Moreover, low-income populations, who often rely on local religious leaders to address religious issues, These leaders seem to perceive the Murabaha as if it is simply a “rebranding” of conventional finance and not truly reflective of Islamic principles. More efforts should be invested in convincing those local leaders and the poor clients, with the authenticity of the Islamic financial products if Islamic microfinance is to reach its full potential.

The Islamic Microfinance Challenge 2010 was organized to encourage thinking outside the box and the design of new business models.

Comments

Submitted by Ammar Al-waeel on
There are many reasons but two important thing I believe are affecting: Firstly, the leak of funders for Islamic Microfinance institutions, there are many funders for conventional MFIs but how many are there supporting Islamic MFIs. Founders or donors are the biggest player in the Microfinance sector so those funders are missing in the Islamic microfinance. Some MFIs try to provide Shariah-compliant product and services to their clients but they need to take conventional loans themselves from funders to found their liquidity and portfolio requirements, and that do not allow the MIFs to be Islamic Microfinance. we need Donors and founders specifically for Islamic Microfinance institutions. The Islamic bank for development should take a leading role on this. Secondly, There are no academic institutions specialized in Microfinance Research, which will support researchers and encourage them to do research on this critical issue. Because MFIs do not have enough budget to create unique Shariah-compliant product , so they just copy other’s available products. This blog and or website is the only place where somebody can find information about Islamic Microfinance, which is not enough to develop an industry.
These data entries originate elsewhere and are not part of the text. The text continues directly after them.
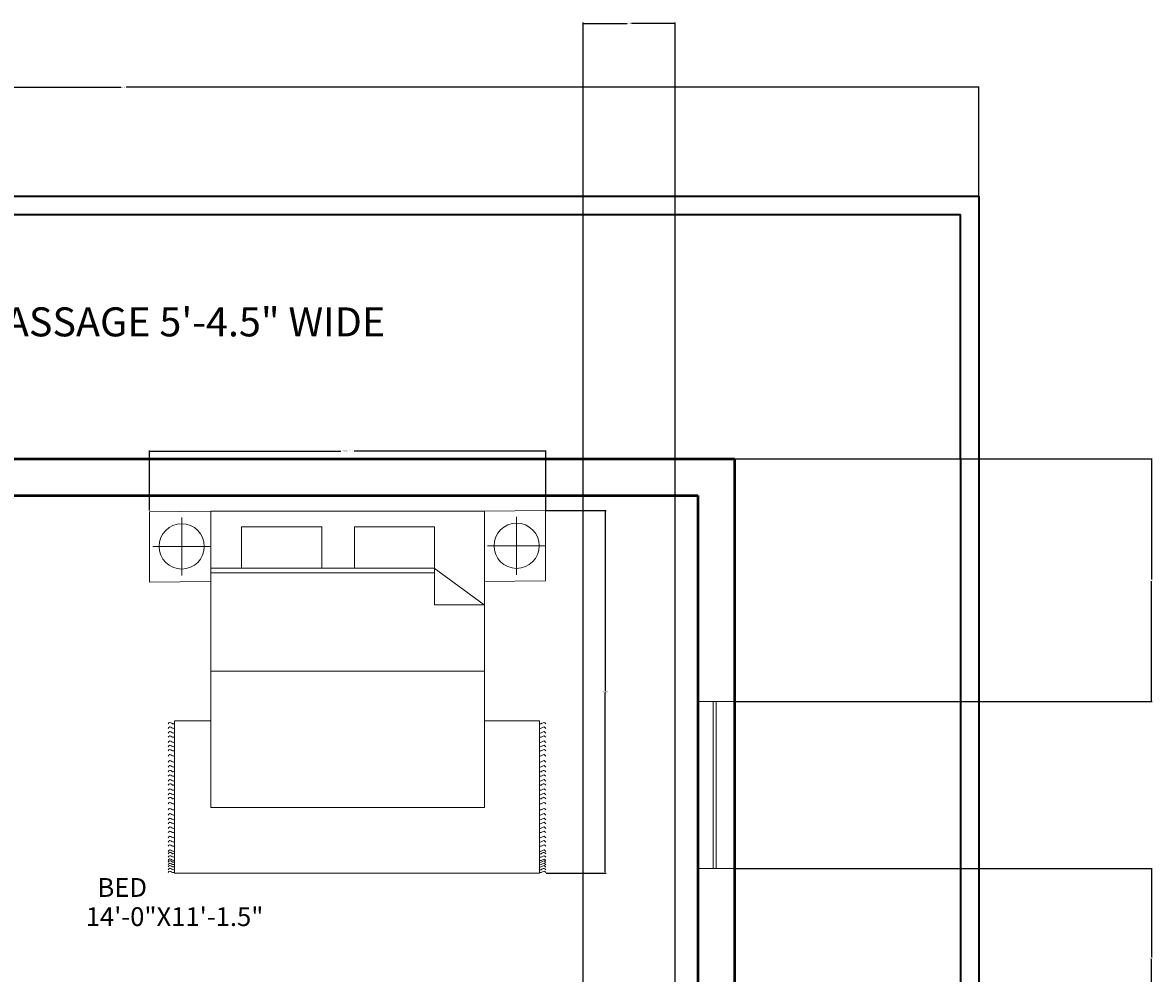
# Model space of a CAD drawing. Units: inches. Extents: x -44 to 461, y -6 to 860.
# Tile 7 of 7: x 184 to 461, y 626 to 860. Entities that reach past the tile are written whole.
import ezdxf

# ---------------------------------------------------------------- set-up
doc = ezdxf.new("R2010")
doc.units = ezdxf.units.IN
doc.header["$MEASUREMENT"] = 0
for name, color, linetype, lineweight in [('A-ANNO-DIMS', 2, 'Continuous', 18), ('A-AREA-IDEN', 7, 'Continuous', 18), ('C-PROP', 7, 'Continuous', 35), ('furniture', 30, 'Continuous', 18), ('walls', 8, 'Continuous', 50), ('windows', 171, 'Continuous', 18)]:
    doc.layers.add(name, color=color, linetype=linetype, lineweight=lineweight)
doc.styles.get("Standard").update_dxf_attribs({"font": 'arial.ttf'})
doc.dimstyles.get("Standard").update_dxf_attribs({"dimtxt": 0.18, "dimasz": 0.18, "dimexe": 0.18, "dimexo": 0.0625, "dimgap": 0.09, "dimtad": 0, "dimtih": 1, "dimtoh": 1, "dimdec": 4, "dimzin": 0, "dimdsep": 46, "dimtxsty": 'Standard', "dimcen": 0.09, "dimadec": 0, "dimazin": 0, "dimtfac": 1, "dimtdec": 4, "dimtofl": 0, "dimtmove": 0, "dimatfit": 3, "dimfxl": 1, "dimtolj": 1, "dimtzin": 0, "dimarcsym": 0})

# ---------------------------------------------------------------- blocks, each defined once
blk = doc.blocks.new('CARPET')
at = {"layer": 'furniture'}
for p, q in [((-51.53, -98.11), (-51.53, -55.12)), ((-51.53, -55.12), (-41.27, -55.12)), ((36, -55.12), (51.55, -55.12)), ((51.55, -55.12), (51.55, -98.11)), ((51.55, -98.11), (-51.53, -98.11))]:
    blk.add_line(p, q, dxfattribs=at)
for points, knots in [([(-53.37, -55.99), (-53.22, -55.8), (-52.9, -55.41), (-52.34, -55.8), (-51.89, -56.08), (-51.65, -55.91), (-51.53, -55.83)], [0, 0, 0, 0, 0.653278, 1.290138, 1.740457, 2.114451, 2.114451, 2.114451, 2.114451]), ([(-53.37, -57.26), (-53.22, -57.07), (-52.9, -56.67), (-52.34, -57.07), (-51.89, -57.35), (-51.65, -57.17), (-51.53, -57.1)], [0, 0, 0, 0, 0.653278, 1.290138, 1.740457, 2.114451, 2.114451, 2.114451, 2.114451]), ([(53.37, -55.99), (53.22, -55.8), (52.9, -55.41), (52.34, -55.8), (51.89, -56.08), (51.65, -55.91), (51.53, -55.83)], [0, 0, 0, 0, 0.653278, 1.290138, 1.740457, 2.114451, 2.114451, 2.114451, 2.114451]), ([(53.37, -57.26), (53.22, -57.07), (52.9, -56.67), (52.34, -57.07), (51.89, -57.35), (51.65, -57.17), (51.53, -57.1)], [0, 0, 0, 0, 0.653278, 1.290138, 1.740457, 2.114451, 2.114451, 2.114451, 2.114451]), ([(-53.37, -58.59), (-53.22, -58.4), (-52.9, -58.01), (-52.34, -58.4), (-51.89, -58.68), (-51.65, -58.5), (-51.53, -58.43)], [0, 0, 0, 0, 0.653278, 1.290138, 1.740457, 2.114451, 2.114451, 2.114451, 2.114451]), ([(-53.37, -59.78), (-53.22, -59.58), (-52.9, -59.19), (-52.34, -59.58), (-51.89, -59.86), (-51.65, -59.69), (-51.53, -59.61)], [0, 0, 0, 0, 0.653278, 1.290138, 1.740457, 2.114451, 2.114451, 2.114451, 2.114451]), ([(53.37, -58.59), (53.22, -58.4), (52.9, -58.01), (52.34, -58.4), (51.89, -58.68), (51.65, -58.5), (51.53, -58.43)], [0, 0, 0, 0, 0.653278, 1.290138, 1.740457, 2.114451, 2.114451, 2.114451, 2.114451]), ([(53.37, -59.78), (53.22, -59.58), (52.9, -59.19), (52.34, -59.58), (51.89, -59.86), (51.65, -59.69), (51.53, -59.61)], [0, 0, 0, 0, 0.653278, 1.290138, 1.740457, 2.114451, 2.114451, 2.114451, 2.114451]), ([(-53.37, -61.22), (-53.22, -61.02), (-52.9, -60.63), (-52.34, -61.02), (-51.89, -61.3), (-51.65, -61.13), (-51.53, -61.05)], [0, 0, 0, 0, 0.653278, 1.290138, 1.740457, 2.114451, 2.114451, 2.114451, 2.114451]), ([(-53.37, -62.44), (-53.22, -62.25), (-52.9, -61.86), (-52.34, -62.25), (-51.89, -62.53), (-51.65, -62.36), (-51.53, -62.28)], [0, 0, 0, 0, 0.653278, 1.290138, 1.740457, 2.114451, 2.114451, 2.114451, 2.114451]), ([(-53.37, -63.63), (-53.22, -63.43), (-52.9, -63.04), (-52.34, -63.43), (-51.89, -63.72), (-51.65, -63.54), (-51.53, -63.46)], [0, 0, 0, 0, 0.653278, 1.290138, 1.740457, 2.114451, 2.114451, 2.114451, 2.114451]), ([(53.37, -61.22), (53.22, -61.02), (52.9, -60.63), (52.34, -61.02), (51.89, -61.3), (51.65, -61.13), (51.53, -61.05)], [0, 0, 0, 0, 0.653278, 1.290138, 1.740457, 2.114451, 2.114451, 2.114451, 2.114451]), ([(53.37, -62.44), (53.22, -62.25), (52.9, -61.86), (52.34, -62.25), (51.89, -62.53), (51.65, -62.36), (51.53, -62.28)], [0, 0, 0, 0, 0.653278, 1.290138, 1.740457, 2.114451, 2.114451, 2.114451, 2.114451]), ([(53.37, -63.63), (53.22, -63.43), (52.9, -63.04), (52.34, -63.43), (51.89, -63.72), (51.65, -63.54), (51.53, -63.46)], [0, 0, 0, 0, 0.653278, 1.290138, 1.740457, 2.114451, 2.114451, 2.114451, 2.114451]), ([(-53.37, -65.07), (-53.22, -64.87), (-52.9, -64.48), (-52.34, -64.87), (-51.89, -65.15), (-51.65, -64.98), (-51.53, -64.9)], [0, 0, 0, 0, 0.653278, 1.290138, 1.740457, 2.114451, 2.114451, 2.114451, 2.114451]), ([(-53.37, -66.76), (-53.22, -66.56), (-52.9, -66.17), (-52.34, -66.56), (-51.89, -66.84), (-51.65, -66.67), (-51.53, -66.59)], [0, 0, 0, 0, 0.653278, 1.290138, 1.740457, 2.114451, 2.114451, 2.114451, 2.114451]), ([(53.37, -65.07), (53.22, -64.87), (52.9, -64.48), (52.34, -64.87), (51.89, -65.15), (51.65, -64.98), (51.53, -64.9)], [0, 0, 0, 0, 0.653278, 1.290138, 1.740457, 2.114451, 2.114451, 2.114451, 2.114451]), ([(53.37, -66.76), (53.22, -66.56), (52.9, -66.17), (52.34, -66.56), (51.89, -66.84), (51.65, -66.67), (51.53, -66.59)], [0, 0, 0, 0, 0.653278, 1.290138, 1.740457, 2.114451, 2.114451, 2.114451, 2.114451]), ([(-53.37, -68.2), (-53.22, -68), (-52.9, -67.61), (-52.34, -68), (-51.89, -68.28), (-51.65, -68.11), (-51.53, -68.03)], [0, 0, 0, 0, 0.653278, 1.290138, 1.740457, 2.114451, 2.114451, 2.114451, 2.114451]), ([(-53.37, -69.53), (-53.22, -69.33), (-52.9, -68.94), (-52.34, -69.33), (-51.89, -69.61), (-51.65, -69.44), (-51.53, -69.36)], [0, 0, 0, 0, 0.653278, 1.290138, 1.740457, 2.114451, 2.114451, 2.114451, 2.114451]), ([(53.37, -68.2), (53.22, -68), (52.9, -67.61), (52.34, -68), (51.89, -68.28), (51.65, -68.11), (51.53, -68.03)], [0, 0, 0, 0, 0.653278, 1.290138, 1.740457, 2.114451, 2.114451, 2.114451, 2.114451]), ([(53.37, -69.53), (53.22, -69.33), (52.9, -68.94), (52.34, -69.33), (51.89, -69.61), (51.65, -69.44), (51.53, -69.36)], [0, 0, 0, 0, 0.653278, 1.290138, 1.740457, 2.114451, 2.114451, 2.114451, 2.114451]), ([(-53.37, -70.79), (-53.22, -70.6), (-52.9, -70.21), (-52.34, -70.6), (-51.89, -70.88), (-51.65, -70.7), (-51.53, -70.63)], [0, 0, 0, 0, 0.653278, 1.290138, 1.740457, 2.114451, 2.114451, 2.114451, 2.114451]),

Submitted by Abdi Abokor Yusuf on
One important issue that is fundamental for for Sharia compliant products is that risk should be shared by the different partners. In the conventional microfinance, the client bears the risks and the bank always relies on its principal plus the profit. Therefore, in order to implement sharia compliant products a substantial orientation, and putting into action the equity financing methods will be a better option rather than spending much effort into the suspicious rebranded conventional methods.

Submitted by Alhassan Ali Abidin on
I think that the very problem that inhibits IMFIs to get to full scale is the lack of understanding of the generic sharia models by clients and policy makers especially in sub saharan Africa. It seems that islamic microfinance is an entirely “new” model and it needs constant education and orientation before there can be a head way. The other issue has to deal with the lack of support and willingness by potential partners and sponsors to put into action, the “new” concept of islamic microfinance so as to lead the way both in equity financing and in marketing it. I personally think that there is huge potential in the inslamic microfinance market niche, but for now we have to deal with the orientation and marketing so as to make those models widely acceptable.